La suya era una rabia que bordeaba el llanto. Yo no sabía qué hacer. A veces me sentía intimidado por Dora, como un niño que camina de puntillas para esquivar el malhumor de sus padres. Aparté de la cama un sobre de papel marrón y me senté. ¿Tocarnos o no tocarnos? Al final escogimos tocarnos, y encontramos alivio en esos minutos, en esa carne gastada.
Me quedé tendido boca arriba con la cabeza sobre la almohada mientras ella fumaba sentada en la cama. El techo de la pequeña habitación estaba agrietado y combado como algo vivo; parecía la palma de una mano blanquecina suspendida sobre nosotros. Me tumbé de costado. Junto al lecho había pequeñas notas clavadas en la pared: recordatorios, listas, citas, una fotografía de su padre esquiando. Reconocí parte de un discurso que habíamos escrito juntos y le quité la chincheta.
—«El miedo es el fundamento psicológico de la dictadura» —leí en voz alta—. «El dictador solo sabe que el hombre que ha superado el miedo vive al margen de su poder y es su único enemigo peligroso. Porque quien ha vencido el miedo ha vencido a la muerte». —Volví a mirar el techo—. No está mal —comenté—. Si yo lo digo…
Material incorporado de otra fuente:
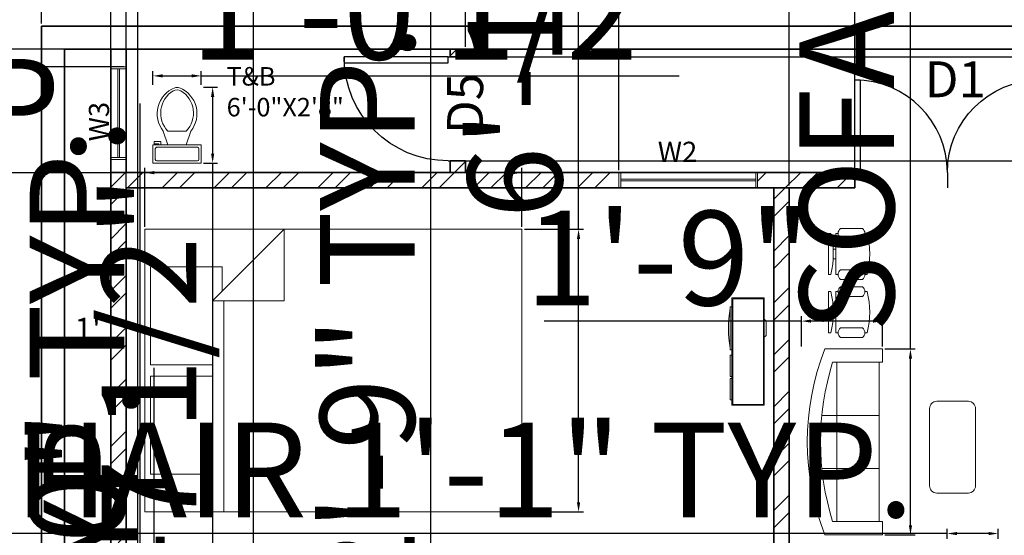
# Model space of a CAD drawing. Units: inches. Extents: x 1542 to 2523, y 1699 to 2449.
# Tile 4 of 7: x 1875 to 2130, y 2158 to 2292. Entities that reach past the tile are written whole.
import ezdxf

# ---------------------------------------------------------------- set-up
doc = ezdxf.new("R2010")
doc.units = ezdxf.units.IN
for name, color, linetype, lineweight in [('A-ANNO-DIMS', 7, 'Continuous', 18), ('A-ANNO-TEXT', 1, 'Continuous', 18), ('A-AREA-IDEN', 1, 'Continuous', 25), ('A-FLOR-FIXT', 9, 'Continuous', 18), ('A-WALL-PATT', 9, 'Continuous', 13), ('doors', 5, 'Continuous', 25), ('furniture', 9, 'Continuous', 18), ('walls', 7, 'Continuous', 35), ('windows', 93, 'Continuous', 18)]:
    doc.layers.add(name, color=color, linetype=linetype, lineweight=lineweight)
doc.styles.get("Standard").update_dxf_attribs({"font": 'arial.ttf'})
doc.dimstyles.new('ISO-25', dxfattribs={"dimtxt": 24.5625, "dimasz": 2.5, "dimexe": 1.25, "dimexo": 0.625, "dimtad": 1, "dimlunit": 4, "dimtxsty": 'Standard', "dimcen": 2.5, "dimadec": 0, "dimazin": 0, "dimtfac": 10, "dimtmove": 0, "dimatfit": 3, "dimfxl": 1, "dimarcsym": 0})

# ---------------------------------------------------------------- blocks, each defined once
blk = doc.blocks.new('*U2')
for p, q in [((0, 0), (0, -5)), ((30, 0), (30, -5))]:
    blk.add_line(p, q)
blk.add_lwpolyline([(0, 0), (0, 30), (1.75, 30), (1.75, 0)], close=True)
blk.add_arc((0, 0), 30, 0, 90)
blk = doc.blocks.new('Sofa - Roundback 7 ft.')
for p, q in [((-12.00002, -32.4421), (-12.00003, -6.5971)), ((11.99997, -32.4421), (11.99998, -6.5971)), ((-36.000027, -34), (-36.000027, -11.4696)), ((35.99998, -34), (35.99998, -11.4696)), ((-35.999844, -13.3819), (35.9998, -13.3819)), ((-36.000027, -32.4421), (35.99998, -32.4421))]:
    blk.add_line(p, q)
for points in [[(-36.000027, -34), (-42.000027, -34), (-42.000027, -8)], [(41.99998, -8), (41.99998, -34), (35.99998, -34)]]:
    blk.add_lwpolyline(points)
for centre, radius, start, end in [((0, -114.25), 114.25, 68.43141, 111.5686), ((-0.00001, -127.1968), 121.1968, 72.72033, 107.2797)]:
    blk.add_arc(centre, radius, start, end)
blk = doc.blocks.new('Bed - Queen')
for p, q in [((0, -80.00003), (0, 0)), ((0, 0), (59.99999, 0)), ((59.99999, 0), (59.99999, -80.00003)), ((7.99999, -1.2), (28.79998, -1.2)), ((7.99999, -14.4), (7.99999, -1.2)), ((28.79998, -1.2), (28.79998, -14.4)), ((31.19999, -1.2), (51.99999, -1.2)), ((31.19999, -14.4), (31.19999, -1.2)), ((51.99999, -1.2), (51.99999, -16.4)), ((0, -14.4), (44.8, -14.4)), ((59.99999, -29.6), (44.8, -14.4)), ((44.8, -14.4), (44.8, -29.6)), ((51.99999, -16.4), (46.79936, -16.4)), ((44.8, -16.8), (0, -16.8)), ((44.8, -29.6), (59.99999, -29.6)), ((59.99999, -80.00003), (0, -80.00003))]:
    blk.add_line(p, q)
blk = doc.blocks.new('Chair - Desk')
for p, q in [((-8.5, 0), (-8.5, -1)), ((-8.5, 0), (8.5, 0)), ((8.5, 0), (8.5, -1)), ((-8.5, -3), (-8.5, -4)), ((-8.5, -3), (8.5, -3)), ((-2, -3), (-2, -1.9355)), ((2, -1.9576), (2, -3)), ((8.5, -3), (8.5, -4)), ((-10.5, -5), (-10.5, -14)), ((-6.5, -14), (-6.5, -5)), ((6.5, -5), (6.5, -14)), ((10.5, -14), (10.5, -5)), ((-8.5, -15), (-8.5, -16)), ((8.5, -15), (8.5, -16))]:
    blk.add_line(p, q)
for centre, radius, start, end in [((-8.5, -6.5), 2.5, 36.8699, 143.1301), ((0, 34.625), 36.625, 256.5803, 283.4197), ((8.5, -6.5), 2.5, 36.8699, 143.1301), ((-8.5, -12.5), 2.5, 216.8699, 323.1301), ((0, 19.625), 36.625, 256.5803, 283.4197), ((8.5, -12.5), 2.5, 216.8699, 323.1301)]:
    blk.add_arc(centre, radius, start, end)
blk = doc.blocks.new('Entertainment Center')
for p, q in [((-4, 0), (-5, -1)), ((4, 0), (-4, 0)), ((5, -1), (4, 0)), ((-17, -19), (-17, -1)), ((-17, -1), (43, -1)), ((-16.5, -18.5), (-16.5, -1.5)), ((-16.5, -1.5), (42.5, -1.5)), ((42.5, -1.5), (42.5, -18.5)), ((43, -1), (43, -19)), ((43, -19), (-17, -19)), ((42.5, -18.5), (-16.5, -18.5)), ((-12, -20), (-12, -19)), ((12, -20), (-12, -20)), ((12, -19), (12, -20)), ((15, -20), (15, -19)), ((27, -20), (15, -20)), ((27, -19), (27, -20)), ((28, -20), (28, -19)), ((40, -20), (28, -20)), ((40, -19), (40, -20))]:
    blk.add_line(p, q)
blk.add_arc((0, 40), 61, 259.6111, 280.3889)
blk = doc.blocks.new('Toilet - top')
for p, q in [((9.5, -6), (9.5, -2)), ((-10, -8.5), (-8, -8.5)), ((-10, -9.5), (-10, -8.5)), ((-8, -8.5), (-8, -8)), ((-7, -8), (-7, -9.5)), ((-4, -8), (-6, -14)), ((4, -8), (6, -14)), ((-7, -9.5), (-10, -9.5)), ((4, -14), (-4, -14))]:
    blk.add_line(p, q)
blk.add_lwpolyline([(10.5, -8), (10.5, 0), (-10.5, 0), (-10.5, -8)], close=True)
for points in [[(-9.5, -2), (-9.5, -6)], [(8.5, -1), (-8.5, -1)], [(-8.5, -7), (8.5, -7)]]:
    blk.add_lwpolyline(points)
for centre, radius, start, end in [((-8.62, -1.88), 0.884, 81.8699, 188.1301), ((8.62, -1.88), 0.884, 351.8699, 98.1301), ((-8.62, -6.12), 0.884, 171.8699, 278.1301), ((8.62, -6.12), 0.884, 261.8699, 8.1301), ((3.52, -21.58), 12.17, 141.4691, 247.9714), ((4.2, -21.82), 11.33, 136.3677, 238.9468), ((-3.52, -21.58), 12.17, 292.0284, 38.5307), ((-4.2, -21.82), 11.33, 301.053, 43.6321), ((0, -27.88), 4, 245.7318, 294.2682), ((0, -29), 4, 254.8605, 285.1395)]:
    blk.add_arc(centre, radius, start, end)
blk = doc.blocks.new('*D9')
at = {"layer": 'A-ANNO-DIMS', "color": 0, "lineweight": -2, "transparency": 16777216}
for p, q in [((1880.38, 2291.06), (1880.38, 2302.87)), ((1882.88, 2301.62), (2237.88, 2301.62)), ((2240.38, 2291.06), (2240.38, 2302.87))]:
    blk.add_line(p, q, dxfattribs=at)
at = {"layer": 'A-ANNO-DIMS', "color": 0, "transparency": 16777216}
for points in [[(1882.88, 2302.04), (1882.88, 2301.2), (1880.38, 2301.62)], [(2237.88, 2302.04), (2237.88, 2301.2), (2240.38, 2301.62)]]:
    blk.add_solid(points, dxfattribs=at)
at = {"layer": 'Defpoints', "color": 0, "transparency": 16777216}
for p in [(2240.38, 2301.62), (1880.38, 2290.44), (2240.38, 2290.44)]:
    blk.add_point(p, dxfattribs=at)
at = {"layer": 'A-ANNO-DIMS', "color": 0, "transparency": 16777216, "insert": (2060.38, 2308.37), "char_height": 12, "attachment_point": 5}
blk.add_mtext("30'", dxfattribs=at)
blk = doc.blocks.new('*D17')
at = {"layer": 'A-ANNO-DIMS', "color": 0, "lineweight": -2, "transparency": 16777216}
for p, q in [((1886.38, 2206.47), (1886.38, 2208.52)), ((1895.88, 2207.27), (1888.88, 2207.27)), ((1898.38, 2206.47), (1898.38, 2208.52))]:
    blk.add_line(p, q, dxfattribs=at)
at = {"layer": 'A-ANNO-DIMS', "color": 0, "transparency": 16777216}
for points in [[(1888.88, 2207.69), (1888.88, 2206.86), (1886.38, 2207.27)], [(1895.88, 2207.69), (1895.88, 2206.86), (1898.38, 2207.27)]]:
    blk.add_solid(points, dxfattribs=at)
at = {"layer": 'Defpoints', "color": 0, "transparency": 16777216}
for p in [(1886.38, 2207.27), (1886.38, 2205.84), (1898.38, 2205.84)]:
    blk.add_point(p, dxfattribs=at)
at = {"layer": 'A-ANNO-DIMS', "color": 0, "transparency": 16777216, "insert": (1892.38, 2210.91), "char_height": 6, "attachment_point": 5}
blk.add_mtext("1'", dxfattribs=at)
blk = doc.blocks.new('WIN-W3-24IN')
for p, q in [((0, 0), (0, 24.03)), ((0, 24.03), (3.94, 24.03)), ((0, 23.53), (3.94, 23.53)), ((1.77, 0.5), (1.77, 23.53)), ((2.17, 0.5), (2.17, 23.53)), ((3.94, 24.03), (3.94, 0)), ((3.94, 0.5), (0, 0.5)), ((3.94, 0), (0, 0))]:
    blk.add_line(p, q)
blk = doc.blocks.new('WIN-W2-36IN')
for p, q in [((0, 3.94), (36.03, 3.94)), ((0, 0), (0, 3.94)), ((0.5, 0), (0.5, 3.94)), ((35.53, 3.94), (35.53, 0)), ((36.03, 3.94), (36.03, 0)), ((36.03, 0), (0, 0)), ((0.5, 2.17), (35.53, 2.17)), ((0.5, 1.77), (35.53, 1.77))]:
    blk.add_line(p, q)
blk = doc.blocks.new('*D26')
at = {"layer": 'A-ANNO-DIMS', "color": 0, "lineweight": -2, "transparency": 16777216}
for p, q in [((2115.34, 2158.69), (1845.86, 2158.69)), ((2115.34, 2157.33), (2115.34, 2159.94)), ((2126.05, 2158.69), (2117.84, 2158.69)), ((2128.55, 2157.33), (2128.55, 2159.94))]:
    blk.add_line(p, q, dxfattribs=at)
at = {"layer": 'A-ANNO-DIMS', "color": 0, "transparency": 16777216}
for points in [[(2117.84, 2159.1), (2117.84, 2158.27), (2115.34, 2158.69)], [(2126.05, 2159.1), (2126.05, 2158.27), (2128.55, 2158.69)]]:
    blk.add_solid(points, dxfattribs=at)
at = {"layer": 'Defpoints', "color": 0, "transparency": 16777216}
for p in [(2115.34, 2158.69), (2115.34, 2156.7), (2128.55, 2156.7)]:
    blk.add_point(p, dxfattribs=at)
at = {"layer": 'A-ANNO-DIMS', "color": 0, "transparency": 16777216, "insert": (1979.35, 2172.01), "char_height": 24.5625, "attachment_point": 5}
blk.add_mtext('CHAIR 1\'-1" TYP.', dxfattribs=at)
blk = doc.blocks.new('*D28')
at = {"layer": 'A-ANNO-DIMS', "color": 0, "lineweight": -2, "transparency": 16777216}
for p, q in [((1905.99, 2054.87), (1905.99, 2270.35)), ((1903.01, 2054.87), (1907.24, 2054.87)), ((1905.99, 2033.33), (1905.99, 2052.37)), ((1903.01, 2030.83), (1907.24, 2030.83))]:
    blk.add_line(p, q, dxfattribs=at)
at = {"layer": 'A-ANNO-DIMS', "color": 0, "transparency": 16777216}
for points in [[(1905.57, 2052.37), (1906.4, 2052.37), (1905.99, 2054.87)], [(1905.57, 2033.33), (1906.4, 2033.33), (1905.99, 2030.83)]]:
    blk.add_solid(points, dxfattribs=at)
at = {"layer": 'Defpoints', "color": 0, "transparency": 16777216}
for p in [(1902.38, 2054.87), (1905.99, 2054.87), (1902.38, 2030.83)]:
    blk.add_point(p, dxfattribs=at)
at = {"layer": 'A-ANNO-DIMS', "color": 0, "transparency": 16777216, "insert": (1892.81, 2163.86), "char_height": 24.5625, "attachment_point": 5, "rotation": 90}
blk.add_mtext('W3 2\'-0" TYP.', dxfattribs=at)
blk = doc.blocks.new('*D30')
at = {"layer": 'A-ANNO-DIMS', "color": 0, "lineweight": -2, "transparency": 16777216}
for p, q in [((2181.19, 2203.89), (2176.38, 2203.89)), ((2177.63, 2201.39), (2177.63, 2178.49)), ((2181.19, 2175.99), (2176.38, 2175.99)), ((2177.63, 2175.99), (2177.63, 1878.93))]:
    blk.add_line(p, q, dxfattribs=at)
at = {"layer": 'A-ANNO-DIMS', "color": 0, "transparency": 16777216}
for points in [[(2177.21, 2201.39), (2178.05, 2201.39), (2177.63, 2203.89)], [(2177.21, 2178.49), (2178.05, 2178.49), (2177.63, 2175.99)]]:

Dora lanzó un aro de humo.
—Yo no veo que aquí estemos venciendo el miedo —dijo—. Ni a la muerte. —Estaba reclinada sobre la cabecera de la cama, con un brazo sobre el vientre y el otro codo apoyado en la muñeca. Tenía un pequeño lunar justo por encima de un pezón, un punto negro perfecto. Me miró—. Si he de serte sincera, nunca entendí esa frase. —La dureza había desaparecido de su voz.
Dora creía que a veces me dejaba arrastrar por mi propia retórica, que el sonido de mis palabras generaba otras sin que detrás hubiera ningún esfuerzo mental, como en el proceso de partenogénesis de los seres que se reproducen a sí mismos; su carácter exhortativo y enardecedor impedía cualquier análisis sintáctico. La tarea de Dora consistía en frenarme. Aquella no había sido una de esas veces.
Me tumbé apoyado sobre una cadera, con la barbilla en la palma de la mano. Dora tenía los ojos negros, vigilantes.
—No quiero decir que podamos vencer a la muerte literalmente —aclaré—. Lo que quiero decir es que, si no nos da miedo morir, Hitler no puede tenernos cautivos. No puede chantajearnos con nuestra vida para obligarnos a parar.
Dora asintió con la cabeza. Apagó el cigarrillo en la tapa del bote de mermelada que utilizaba como cenicero y se metió bajo las sábanas de cara a mí. Me puso una mano en la sien.
—¿No te da miedo morir? —Me miraba fijamente, primero un ojo y luego el otro.
—No quiero morir —respondí—, pero tampoco me da miedo. —Oímos que la puerta del piso se abría y se cerraba, y a continuación, las voces de Hans y Ruth. Dora despegó sus agrietados labios para hablar, pero se los sellé con dos dedos—. Sin embargo, en ocasiones es difícil no desearlo.
Dora no se levantó ni me exhortó a moverme, a revisar correcciones, a hacer algo práctico. No llenó aquel ambiente incómodo de palabras de falso consuelo. En eso residía su valor: en ver lo que había. Entonces supe que ella entendía los momentos de negrura. Aparté los dedos de sus labios y las palabras salieron a borbotones.
—No me dejes —dijo.
Después hubo de nuevo ternura, el amor por el amor. Cuando terminamos, nos llegaron desde la cocina los sollozos de un hombre, desesperados e imprevisibles.